Geralmente, a mulher que sofre abortos de repetição precisa do apoio de familiares, amigos e profissionais de saúde.

 

Receber a notícia de uma gravidez provoca diversos sentimentos e dúvidas. A única certeza é de que, a partir daquele momento, nada será como antes. Geralmente, a mulher se prepara com antecedência para receber o bebê: faz planos, realiza consultas, começa a se programar para o parto e compra as primeiras peças do enxoval. 

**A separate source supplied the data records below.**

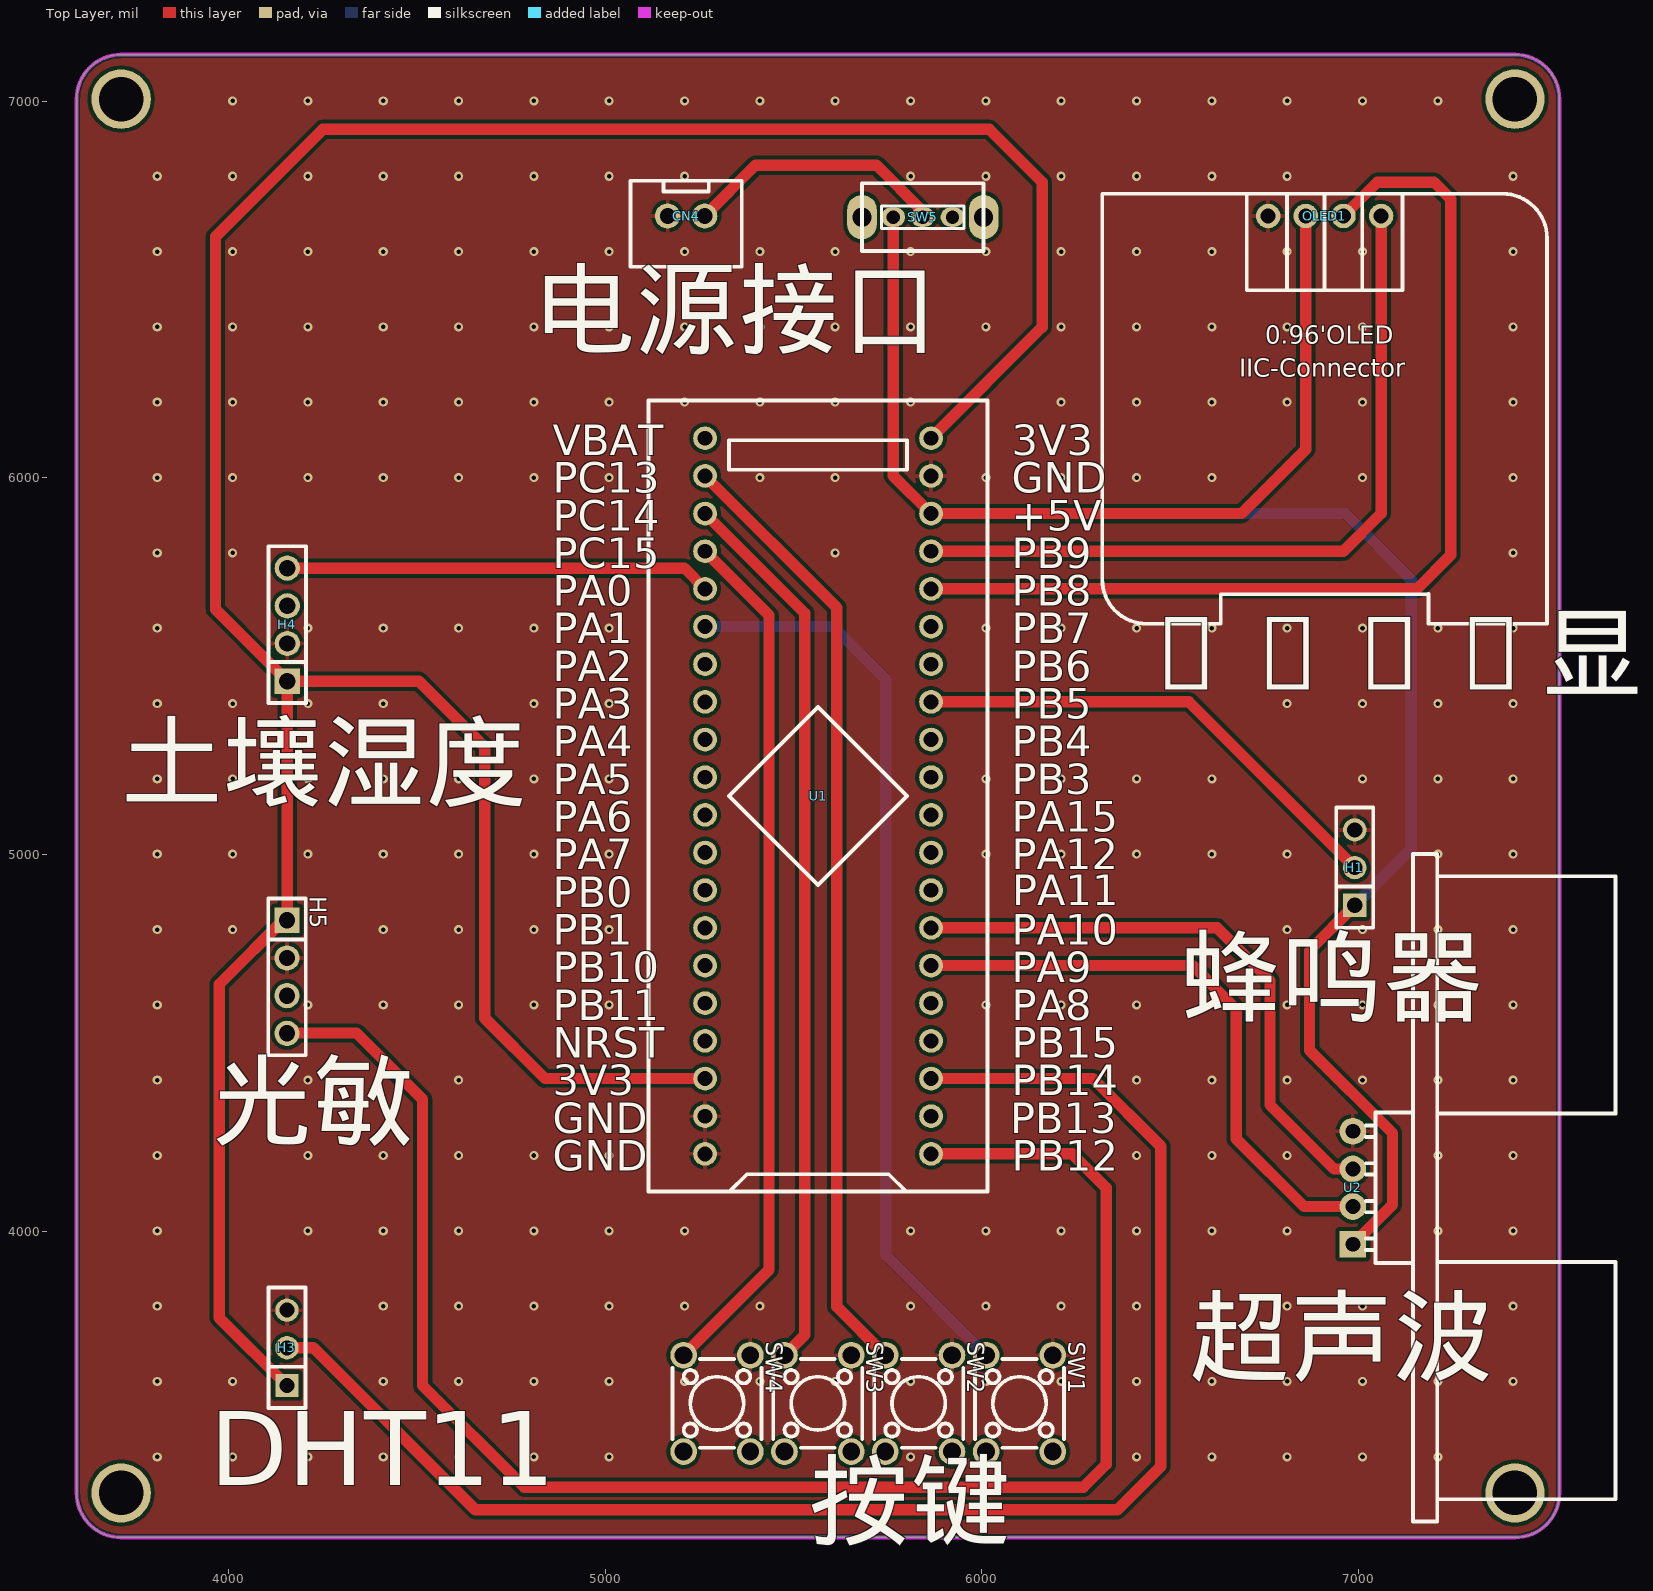
[diagram p0: Top Layer view]
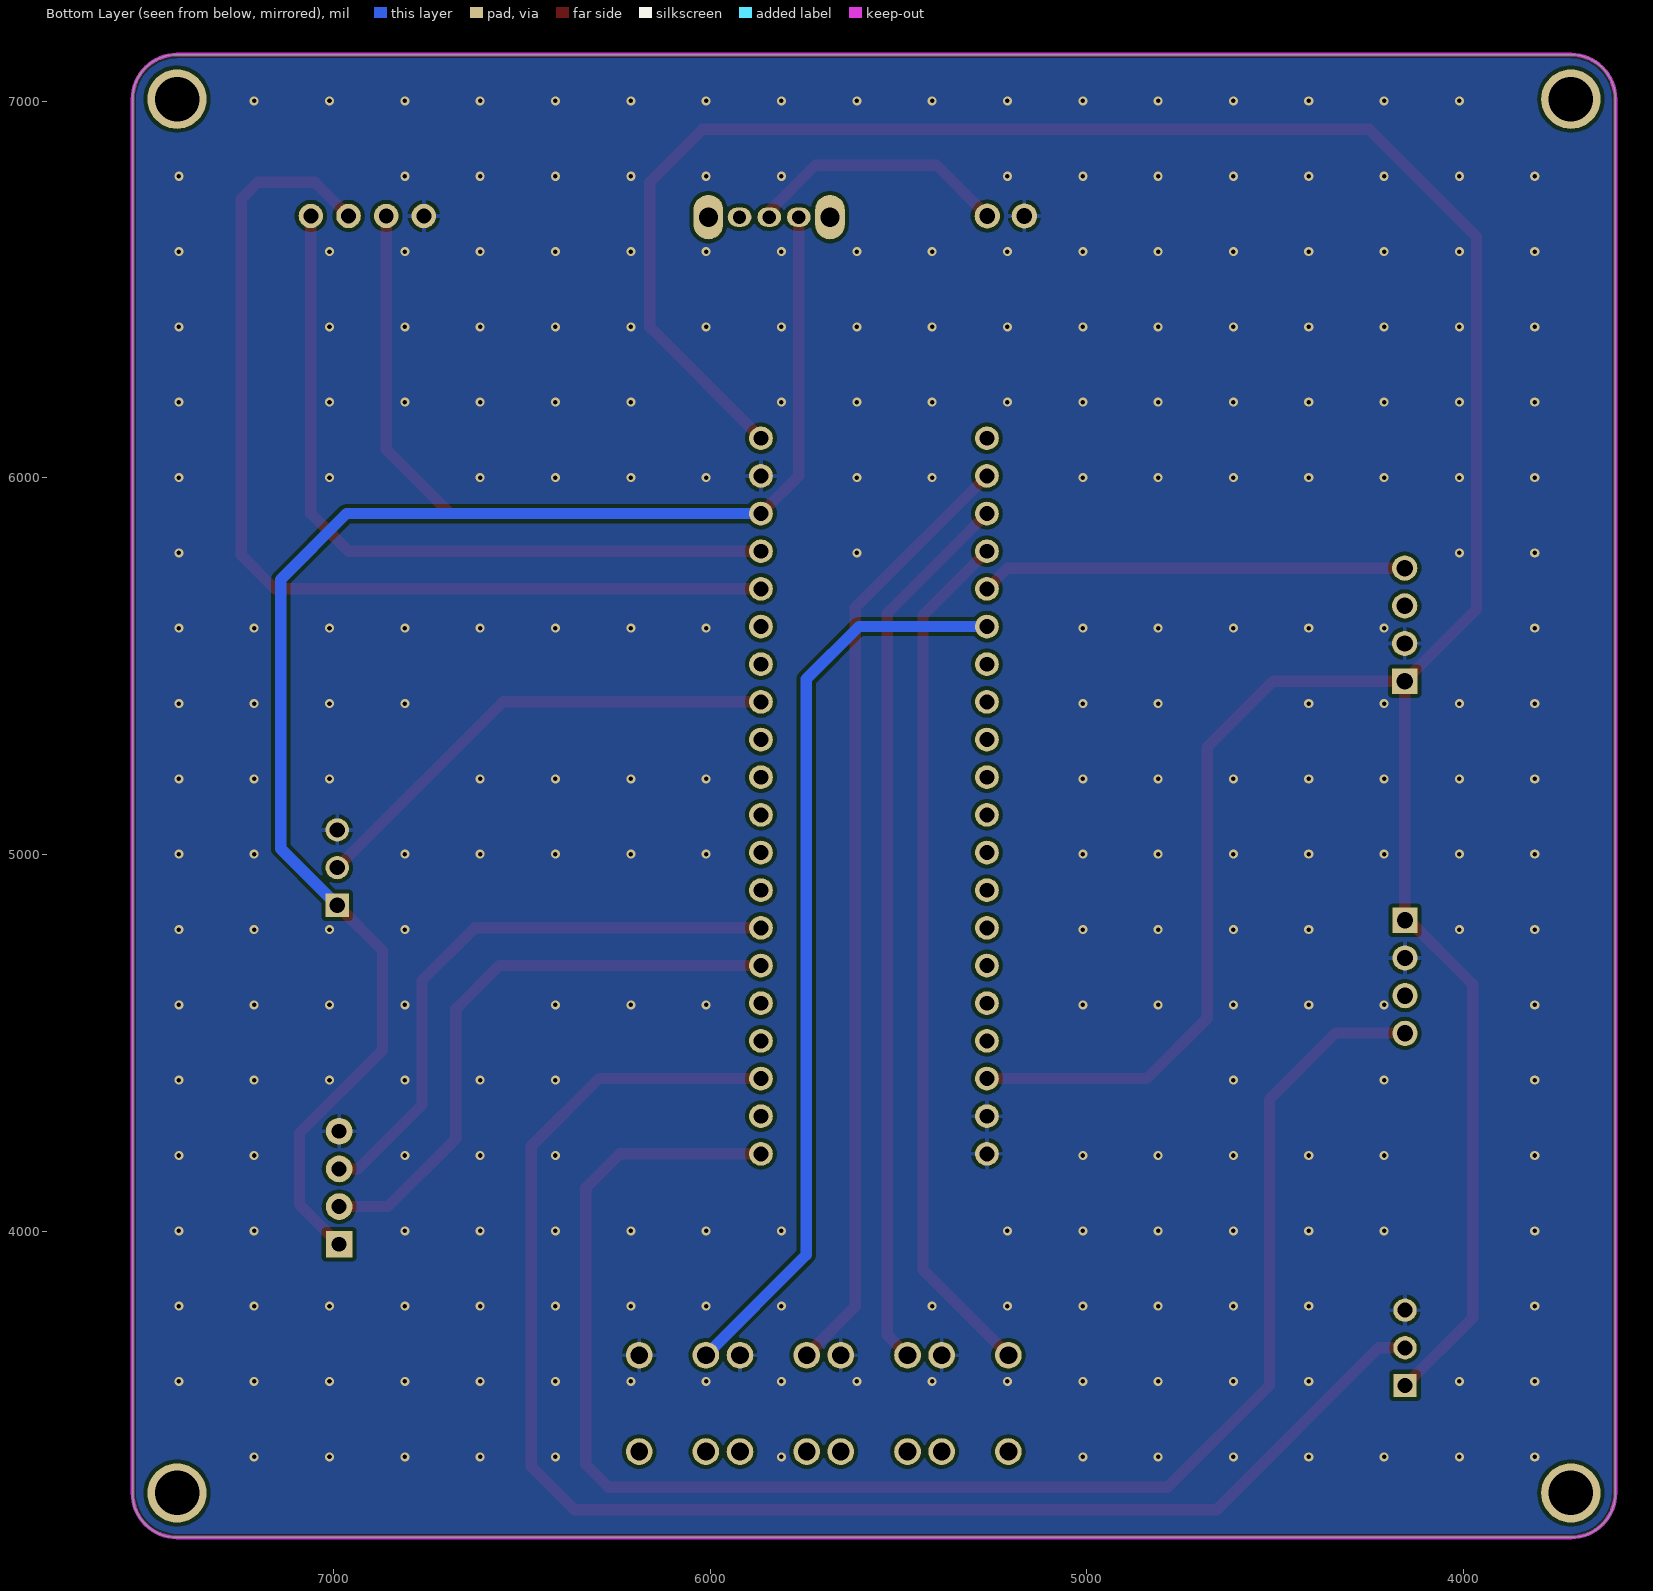
[diagram p1: Bottom Layer view, seen from below]
# Altium PCB MISC51673.pcbdoc
Units mil, origin at the board's own origin, x right, y up, seen from the top; angles counter-clockwise.
Board outline 3937.01 x 3937.01 mil, 2 copper layers (Top Layer, Bottom Layer), stack 62.206 mil thick; 13 components, 38 nets, 89 pads, 261 vias.

## Layer stack, top to bottom
Top Solder Mask Layer: solder mask 0.394, Dk 3.3
Top Layer: signal copper 1.379
Dielectric1: surface 59.449, FR4, Dk 4.5
Bottom Layer: signal copper 1.378
Bottom Solder Mask Layer: solder mask 0.394, Dk 3.3

## Board outline
3714.61,7123.5 ccw(c3714.61,7005.39) 3596.5,7005.39 3596.5,3304.61 ccw(c3714.61,3304.61) 3714.61,3186.5 7415.39,3186.5 ccw(c7415.39,3304.61) 7533.5,3304.61 7533.5,7005.39 ccw(c7415.39,7005.39) 7415.39,7123.5 3714.61,7123.5

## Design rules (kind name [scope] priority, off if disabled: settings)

Mas, muitas vezes, esse sonho é interrompido por um aborto espontâneo. É comum que logo após o choque inicial e a tristeza, muitas mulheres tentem engravidar pouco tempo depois e passem novamente por uma perda gestacional. Nesses casos, a condição é chamada de aborto de repetição, que pode afetar a saúde mental. Nesses casos, a mulher precisa de apoio de familiares, amigos e profissionais de saúde. 

As perdas gestacionais representam um luto para a mulher, que se agrava quando as perdas se repetem (abortos de repetição). Muitas vezes, elas duvidam da sua capacidade de gerar um filho. A situação pode ser um gatilho para a mulher desenvolver um transtorno mental, como depressão e estresse pós-traumático”, esclarece a dra. Arianne Angelelli, psiquiatra com atuação na área de perinatalidade e colaboradora do Programa Saúde Mental da Mulher do Instituto de Psiquiatria do Hospital das Clínicas da Faculdade de Medicina da Universidade de São Paulo (IPq/HCFMUSP).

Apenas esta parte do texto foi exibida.